How long is it ok to keep a fish bought from a store in the bag that they give it to you in? I ask because there's a pet store near where my girlfriend lives that I like, but it's a two hour drive back home to the tank with the fish. Would the fish be ok for the two hour car ride?


----------



## Angel079 (Feb 14, 2007)

Yea they'll be fine. I get mine outta Nashville and that's 2.5 hrs from the house and then acclimating them takes time agin so mine are in the bags for while too and its never been a issue (I use a styrofoam box to transport them in so for 1) its dark which stresses the fish less and 2) its keeping them warmer these days)


----------



## Tyyrlym (Jun 1, 2008)

Those would be my main concerns. Keeping it dark and keeping it warm. My local fish store inflates the bags with pure oxygen and you can easily keep those fish in the bag for four hours. The greater issue is going to be regulating temperature.

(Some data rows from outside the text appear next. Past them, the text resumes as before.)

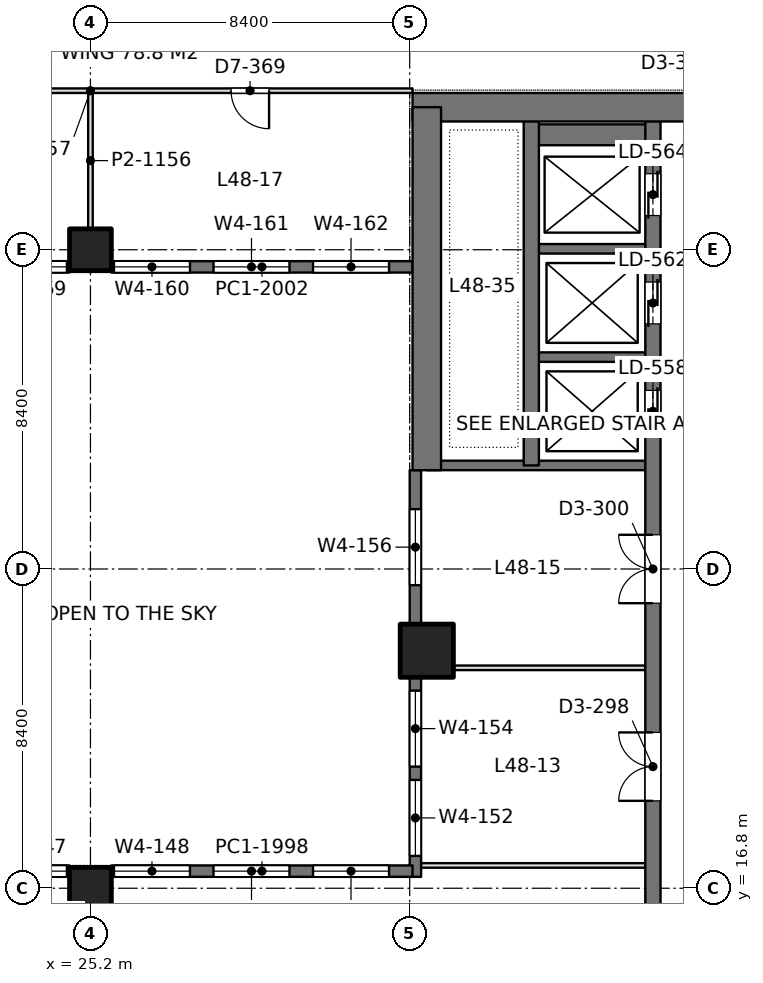
"""IFC4 building model, lengths in metres.
Left out: names, types, materials, properties, quantities, classifications, styles, units other than length and angle.
Written with IfcOpenShell. Run it as: python <this file> out.ifc"""

import sys

from ifc_helpers import new_model, si_unit, direction, frame, frame_2d, origin, origin_2d, place, context, subcontext, project, spatial, rectangle, extrude, element, fill, save


model = new_model("IFC4")
c1 = context("Model", 3, precision=1e-05, world=origin(), true_north=direction((0.0, 1.0)))
c2 = subcontext(c1, "Body", "Model", "MODEL_VIEW")
j1 = project(units=[si_unit("LENGTHUNIT", "METRE"), si_unit("PLANEANGLEUNIT", "RADIAN")], contexts=[c1])
p1 = place(None, origin())
s1 = spatial("IfcSite", under=j1, at=p1, CompositionType="ELEMENT")
p2 = place(p1, origin())
s2 = spatial("IfcBuilding", under=s1, at=p2, CompositionType="ELEMENT")
p3 = place(p2, frame((0.0, 0.0, 211.2)))
s3 = spatial("IfcBuildingStorey", under=s2, at=p3, CompositionType="ELEMENT", Elevation=211.2)
for number, where, z_axis, x_axis in (
    (1, (25.2, 16.8, 0.0), (0.0, 0.0, 1.0), (1.0, 0.0, 0.0)),
    (2, (25.2, 33.6, 0.0), (0.0, 0.0, 1.0), (1.0, 0.0, 0.0)),
):
    element("IfcColumn", number, at=place(p3, frame(where, z_axis=z_axis, x_axis=x_axis)), inside=s3, PredefinedType="COLUMN", context=c2, shape_type="SweptSolid", body=[
        extrude(rectangle(XDim=1.1, YDim=1.1, at=origin_2d()), origin(), (0.0, 0.0, 1.0), 4.2),
    ])
p4 = place(p3, frame((34.05, 23.05, 0.0), z_axis=(0.0, 0.0, 1.0), x_axis=(1.0, 0.0, 0.0)))
e3 = element("IfcColumn", 3, at=p4, inside=s3, PredefinedType="COLUMN", context=c2, shape_type="SweptSolid", body=[
    extrude(rectangle(XDim=1.4, YDim=1.4, at=origin_2d()), origin(), (0.0, 0.0, 1.0), 4.2),
])
p5 = place(p3, frame((33.675, 37.35, 0.0), z_axis=(0.0, 0.0, 1.0), x_axis=(1.0, 0.0, 0.0)))
e4 = element("IfcWall", 4, at=p5, inside=s3, PredefinedType="SHEAR", context=c2, shape_type="SweptSolid", body=[
    extrude(rectangle(XDim=17.85, YDim=0.75, at=frame_2d((8.925, 0.0))), origin(), (0.0, 0.0, 1.0), 4.2),
])
p6 = place(p5, frame((7.175, 0.0, 0.0)))
e5 = element("IfcOpeningElement", 5, at=p6, cuts=e4, PredefinedType="OPENING", context=c2, shape_type="SweptSolid", body=[
    extrude(rectangle(XDim=1.8, YDim=2.4, at=frame_2d((0.9, 1.2))), frame((0.0, 0.385, 0.0), z_axis=(0.0, -1.0, 0.0), x_axis=(1.0, 0.0, 0.0)), (0.0, 0.0, 1.0), 0.77),
])
p7 = place(p3, frame((34.05, 27.8, 0.0), z_axis=(0.0, 0.0, 1.0), x_axis=(0.0, 1.0, 0.0)))
e6 = element("IfcWall", 6, at=p7, inside=s3, PredefinedType="SHEAR", context=c2, shape_type="SweptSolid", body=[
    extrude(rectangle(XDim=9.55, YDim=0.75, at=frame_2d((4.775, 0.0))), origin(), (0.0, 0.0, 1.0), 4.2),
])
p8 = place(p3, frame((40.0, 13.05, 0.0), z_axis=(0.0, 0.0, 1.0), x_axis=(0.0, 1.0, 0.0)))
e7 = element("IfcWall", 7, at=p8, inside=s3, PredefinedType="SHEAR", context=c2, shape_type="SweptSolid", body=[
    extrude(rectangle(XDim=24.3, YDim=0.4, at=frame_2d((12.15, 0.0))), origin(), (0.0, 0.0, 1.0), 4.2),
])
p9 = place(p8, frame((15.75, 0.0, 0.0)))
e8 = element("IfcOpeningElement", 8, at=p9, cuts=e7, PredefinedType="OPENING", context=c2, shape_type="SweptSolid", body=[
    extrude(rectangle(XDim=1.1, YDim=2.2, at=frame_2d((0.55, 1.1))), frame((0.0, 0.21, 0.0), z_axis=(0.0, -1.0, 0.0), x_axis=(1.0, 0.0, 0.0)), (0.0, 0.0, 1.0), 0.42),
])
p10 = place(p8, frame((18.6, 0.0, 0.0)))
e9 = element("IfcOpeningElement", 9, at=p10, cuts=e7, PredefinedType="OPENING", context=c2, shape_type="SweptSolid", body=[
    extrude(rectangle(XDim=1.1, YDim=2.2, at=frame_2d((0.55, 1.1))), frame((0.0, 0.21, 0.0), z_axis=(0.0, -1.0, 0.0), x_axis=(1.0, 0.0, 0.0)), (0.0, 0.0, 1.0), 0.42),
])
p11 = place(p8, frame((21.45, 0.0, 0.0)))
e10 = element("IfcOpeningElement", 10, at=p11, cuts=e7, PredefinedType="OPENING", context=c2, shape_type="SweptSolid", body=[
    extrude(rectangle(XDim=1.1, YDim=2.2, at=frame_2d((0.55, 1.1))), frame((0.0, 0.21, 0.0), z_axis=(0.0, -1.0, 0.0), x_axis=(1.0, 0.0, 0.0)), (0.0, 0.0, 1.0), 0.42),
])
p12 = place(p8, frame((6.05, 0.0, 0.0)))
e11 = element("IfcOpeningElement", 11, at=p12, cuts=e7, PredefinedType="OPENING", context=c2, shape_type="SweptSolid", body=[
    extrude(rectangle(XDim=1.8, YDim=2.4, at=frame_2d((0.9, 1.2))), frame((0.0, 0.21, 0.0), z_axis=(0.0, -1.0, 0.0), x_axis=(1.0, 0.0, 0.0)), (0.0, 0.0, 1.0), 0.42),
])
p13 = place(p8, frame((11.25, 0.0, 0.0)))
e12 = element("IfcOpeningElement", 12, at=p13, cuts=e7, PredefinedType="OPENING", context=c2, shape_type="SweptSolid", body=[
    extrude(rectangle(XDim=1.8, YDim=2.4, at=frame_2d((0.9, 1.2))), frame((0.0, 0.21, 0.0), z_axis=(0.0, -1.0, 0.0), x_axis=(1.0, 0.0, 0.0)), (0.0, 0.0, 1.0), 0.42),
])
p14 = place(p3, frame((36.8, 27.925, 0.0), z_axis=(0.0, 0.0, 1.0), x_axis=(0.0, 1.0, 0.0)))
e13 = element("IfcWall", 13, at=p14, inside=s3, PredefinedType="SHEAR", context=c2, shape_type="SweptSolid", body=[
    extrude(rectangle(XDim=9.425, YDim=0.4, at=frame_2d((4.712, 0.0))), origin(), (0.0, 0.0, 1.0), 4.2),
])
p15 = place(p3, frame((40.0, 27.925, 0.0), z_axis=(0.0, 0.0, 1.0), x_axis=(-1.0, 0.0, 0.0)))
e14 = element("IfcWall", 14, at=p15, inside=s3, PredefinedType="SHEAR", context=c2, shape_type="SweptSolid", body=[
    extrude(rectangle(XDim=5.95, YDim=0.25, at=frame_2d((2.975, 0.0))), origin(), (0.0, 0.0, 1.0), 4.2),
])
for number, where, z_axis, x_axis in (
    (15, (40.0, 30.775, 0.0), (0.0, 0.0, 1.0), (-1.0, 0.0, 0.0)),
    (16, (40.0, 33.625, 0.0), (0.0, 0.0, 1.0), (-1.0, 0.0, 0.0)),
):
    element("IfcWall", number, at=place(p3, frame(where, z_axis=z_axis, x_axis=x_axis)), inside=s3, PredefinedType="SHEAR", context=c2, shape_type="SweptSolid", body=[
        extrude(rectangle(XDim=3.2, YDim=0.25, at=frame_2d((1.6, 0.0))), origin(), (0.0, 0.0, 1.0), 4.2),
    ])
p16 = place(p3, frame((40.0, 36.625, 0.0), z_axis=(0.0, 0.0, 1.0), x_axis=(-1.0, 0.0, 0.0)))
e17 = element("IfcWall", 17, at=p16, inside=s3, PredefinedType="SHEAR", context=c2, shape_type="SweptSolid", body=[
    extrude(rectangle(XDim=3.2, YDim=0.55, at=frame_2d((1.6, 0.0))), origin(), (0.0, 0.0, 1.0), 4.2),
])
p17 = place(p3, frame((33.75, 17.1, 0.0), z_axis=(0.0, 0.0, 1.0), x_axis=(0.0, 1.0, 0.0)))
e18 = element("IfcWall", 18, at=p17, inside=s3, PredefinedType="SOLIDWALL", context=c2, shape_type="SweptSolid", body=[
    extrude(rectangle(XDim=10.7, YDim=0.3, at=frame_2d((5.35, 0.0))), origin(), (0.0, 0.0, 1.0), 4.05),
])
p18 = place(p17, frame((0.55, 0.0, 0.9)))
e19 = element("IfcOpeningElement", 19, at=p18, cuts=e18, PredefinedType="OPENING", context=c2, shape_type="SweptSolid", body=[
    extrude(rectangle(XDim=2.0, YDim=1.9, at=frame_2d((1.0, 0.95))), frame((0.0, 0.16, 0.0), z_axis=(0.0, -1.0, 0.0), x_axis=(1.0, 0.0, 0.0)), (0.0, 0.0, 1.0), 0.32),
])
p19 = place(p17, frame((2.9, 0.0, 0.9)))
e20 = element("IfcOpeningElement", 20, at=p19, cuts=e18, PredefinedType="OPENING", context=c2, shape_type="SweptSolid", body=[
    extrude(rectangle(XDim=2.0, YDim=1.9, at=frame_2d((1.0, 0.95))), frame((0.0, 0.16, 0.0), z_axis=(0.0, -1.0, 0.0), x_axis=(1.0, 0.0, 0.0)), (0.0, 0.0, 1.0), 0.32),
])
p20 = place(p17, frame((7.675, 0.0, 0.9)))
e21 = element("IfcOpeningElement", 21, at=p20, cuts=e18, PredefinedType="OPENING", context=c2, shape_type="SweptSolid", body=[
    extrude(rectangle(XDim=2.0, YDim=1.9, at=frame_2d((1.0, 0.95))), frame((0.0, 0.16, 0.0), z_axis=(0.0, -1.0, 0.0), x_axis=(1.0, 0.0, 0.0)), (0.0, 0.0, 1.0), 0.32),
])
p21 = place(p3, frame((16.725, 17.25, 0.0), z_axis=(0.0, 0.0, 1.0), x_axis=(1.0, 0.0, 0.0)))
e22 = element("IfcWall", 22, at=p21, inside=s3, PredefinedType="SOLIDWALL", context=c2, shape_type="SweptSolid", body=[
    extrude(rectangle(XDim=7.925, YDim=0.3, at=frame_2d((3.962, 0.0))), origin(), (0.0, 0.0, 1.0), 4.05),
])
p22 = place(p21, frame((0.619, 0.0, 0.9)))
e23 = element("IfcOpeningElement", 23, at=p22, cuts=e22, PredefinedType="OPENING", context=c2, shape_type="SweptSolid", body=[
    extrude(rectangle(XDim=2.0, YDim=1.9, at=frame_2d((1.0, 0.95))), frame((0.0, 0.16, 0.0), z_axis=(0.0, -1.0, 0.0), x_axis=(1.0, 0.0, 0.0)), (0.0, 0.0, 1.0), 0.32),
])
p23 = place(p21, frame((3.238, 0.0, 0.9)))
e24 = element("IfcOpeningElement", 24, at=p23, cuts=e22, PredefinedType="OPENING", context=c2, shape_type="SweptSolid", body=[
    extrude(rectangle(XDim=2.0, YDim=1.9, at=frame_2d((1.0, 0.95))), frame((0.0, 0.16, 0.0), z_axis=(0.0, -1.0, 0.0), x_axis=(1.0, 0.0, 0.0)), (0.0, 0.0, 1.0), 0.32),
])
p24 = place(p21, frame((5.856, 0.0, 0.9)))
e25 = element("IfcOpeningElement", 25, at=p24, cuts=e22, PredefinedType="OPENING", context=c2, shape_type="SweptSolid", body=[
    extrude(rectangle(XDim=2.0, YDim=1.9, at=frame_2d((1.0, 0.95))), frame((0.0, 0.16, 0.0), z_axis=(0.0, -1.0, 0.0), x_axis=(1.0, 0.0, 0.0)), (0.0, 0.0, 1.0), 0.32),
])
p25 = place(p3, frame((25.75, 17.25, 0.0), z_axis=(0.0, 0.0, 1.0), x_axis=(1.0, 0.0, 0.0)))
e26 = element("IfcWall", 26, at=p25, inside=s3, PredefinedType="SOLIDWALL", context=c2, shape_type="SweptSolid", body=[
    extrude(rectangle(XDim=7.925, YDim=0.3, at=frame_2d((3.962, 0.0))), origin(), (0.0, 0.0, 1.0), 4.05),
])
p26 = place(p25, frame((0.069, 0.0, 0.9)))
e27 = element("IfcOpeningElement", 27, at=p26, cuts=e26, PredefinedType="OPENING", context=c2, shape_type="SweptSolid", body=[
    extrude(rectangle(XDim=2.0, YDim=1.9, at=frame_2d((1.0, 0.95))), frame((0.0, 0.16, 0.0), z_axis=(0.0, -1.0, 0.0), x_axis=(1.0, 0.0, 0.0)), (0.0, 0.0, 1.0), 0.32),
])
p27 = place(p25, frame((2.688, 0.0, 0.9)))
e28 = element("IfcOpeningElement", 28, at=p27, cuts=e26, PredefinedType="OPENING", context=c2, shape_type="SweptSolid", body=[
    extrude(rectangle(XDim=2.0, YDim=1.9, at=frame_2d((1.0, 0.95))), frame((0.0, 0.16, 0.0), z_axis=(0.0, -1.0, 0.0), x_axis=(1.0, 0.0, 0.0)), (0.0, 0.0, 1.0), 0.32),
])
p28 = place(p25, frame((5.306, 0.0, 0.9)))
e29 = element("IfcOpeningElement", 29, at=p28, cuts=e26, PredefinedType="OPENING", context=c2, shape_type="SweptSolid", body=[
    extrude(rectangle(XDim=2.0, YDim=1.9, at=frame_2d((1.0, 0.95))), frame((0.0, 0.16, 0.0), z_axis=(0.0, -1.0, 0.0), x_axis=(1.0, 0.0, 0.0)), (0.0, 0.0, 1.0), 0.32),
])
p29 = place(p3, frame((16.725, 33.15, 0.0), z_axis=(0.0, 0.0, 1.0), x_axis=(1.0, 0.0, 0.0)))
e30 = element("IfcWall", 30, at=p29, inside=s3, PredefinedType="SOLIDWALL", context=c2, shape_type="SweptSolid", body=[
    extrude(rectangle(XDim=7.925, YDim=0.3, at=frame_2d((3.962, 0.0))), origin(), (0.0, 0.0, 1.0), 4.05),
])
p30 = place(p29, frame((0.619, 0.0, 0.9)))
e31 = element("IfcOpeningElement", 31, at=p30, cuts=e30, PredefinedType="OPENING", context=c2, shape_type="SweptSolid", body=[
    extrude(rectangle(XDim=2.0, YDim=1.9, at=frame_2d((1.0, 0.95))), frame((0.0, 0.16, 0.0), z_axis=(0.0, -1.0, 0.0), x_axis=(1.0, 0.0, 0.0)), (0.0, 0.0, 1.0), 0.32),
])
p31 = place(p29, frame((3.238, 0.0, 0.9)))
e32 = element("IfcOpeningElement", 32, at=p31, cuts=e30, PredefinedType="OPENING", context=c2, shape_type="SweptSolid", body=[
    extrude(rectangle(XDim=2.0, YDim=1.9, at=frame_2d((1.0, 0.95))), frame((0.0, 0.16, 0.0), z_axis=(0.0, -1.0, 0.0), x_axis=(1.0, 0.0, 0.0)), (0.0, 0.0, 1.0), 0.32),
])
p32 = place(p29, frame((5.856, 0.0, 0.9)))
e33 = element("IfcOpeningElement", 33, at=p32, cuts=e30, PredefinedType="OPENING", context=c2, shape_type="SweptSolid", body=[
    extrude(rectangle(XDim=2.0, YDim=1.9, at=frame_2d((1.0, 0.95))), frame((0.0, 0.16, 0.0), z_axis=(0.0, -1.0, 0.0), x_axis=(1.0, 0.0, 0.0)), (0.0, 0.0, 1.0), 0.32),
])
p33 = place(p3, frame((25.75, 33.15, 0.0), z_axis=(0.0, 0.0, 1.0), x_axis=(1.0, 0.0, 0.0)))
e34 = element("IfcWall", 34, at=p33, inside=s3, PredefinedType="SOLIDWALL", context=c2, shape_type="SweptSolid", body=[
    extrude(rectangle(XDim=7.925, YDim=0.3, at=frame_2d((3.962, 0.0))), origin(), (0.0, 0.0, 1.0), 4.05),
])
p34 = place(p33, frame((0.069, 0.0, 0.9)))
e35 = element("IfcOpeningElement", 35, at=p34, cuts=e34, PredefinedType="OPENING", context=c2, shape_type="SweptSolid", body=[
    extrude(rectangle(XDim=2.0, YDim=1.9, at=frame_2d((1.0, 0.95))), frame((0.0, 0.16, 0.0), z_axis=(0.0, -1.0, 0.0), x_axis=(1.0, 0.0, 0.0)), (0.0, 0.0, 1.0), 0.32),
])
p35 = place(p33, frame((2.688, 0.0, 0.9)))
e36 = element("IfcOpeningElement", 36, at=p35, cuts=e34, PredefinedType="OPENING", context=c2, shape_type="SweptSolid", body=[
    extrude(rectangle(XDim=2.0, YDim=1.9, at=frame_2d((1.0, 0.95))), frame((0.0, 0.16, 0.0), z_axis=(0.0, -1.0, 0.0), x_axis=(1.0, 0.0, 0.0)), (0.0, 0.0, 1.0), 0.32),
])
p36 = place(p33, frame((5.306, 0.0, 0.9)))
e37 = element("IfcOpeningElement", 37, at=p36, cuts=e34, PredefinedType="OPENING", context=c2, shape_type="SweptSolid", body=[
    extrude(rectangle(XDim=2.0, YDim=1.9, at=frame_2d((1.0, 0.95))), frame((0.0, 0.16, 0.0), z_axis=(0.0, -1.0, 0.0), x_axis=(1.0, 0.0, 0.0)), (0.0, 0.0, 1.0), 0.32),
])
p37 = place(p3, frame((33.898, 17.4, 0.0), z_axis=(0.0, 0.0, 1.0), x_axis=(1.0, 0.0, 0.0)))
e38 = element("IfcWall", 38, at=p37, inside=s3, PredefinedType="PARTITIONING", context=c2, shape_type="SweptSolid", body=[
    extrude(rectangle(XDim=5.904, YDim=0.12, at=frame_2d((2.952, 0.0))), origin(), (0.0, 0.0, 1.0), 3.55),
])
p38 = place(p3, frame((34.749, 22.6, 0.0), z_axis=(0.0, 0.0, 1.0), x_axis=(1.0, 0.0, 0.0)))
e39 = element("IfcWall", 39, at=p38, inside=s3, PredefinedType="PARTITIONING", context=c2, shape_type="SweptSolid", body=[
    extrude(rectangle(XDim=5.053, YDim=0.12, at=frame_2d((2.526, 0.0))), origin(), (0.0, 0.0, 1.0), 4.05),
])
p39 = place(p3, frame((25.2, 34.149, 0.0), z_axis=(0.0, 0.0, 1.0), x_axis=(0.0, 1.0, 0.0)))
e40 = element("IfcWall", 40, at=p39, inside=s3, PredefinedType="PARTITIONING", context=c2, shape_type="SweptSolid", body=[
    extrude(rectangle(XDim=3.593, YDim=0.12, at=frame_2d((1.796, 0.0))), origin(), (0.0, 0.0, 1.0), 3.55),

A styrofoam box is a good idea as it can keep them in the dark and regulate the temperature to avoid any extremes in your car. There's not a lot of water in those bags so it can change temperature rapidly as the plastic bags provide no insulation. Even if it's not excessively hot or cold in your car a stray vent blowing on the bag can rapidly chill or heat whatever water is in it. I've taken to not using my AC at all in my car when bringing fish home unless absolutely necessary and I take a towel to wrap around the bag.


----------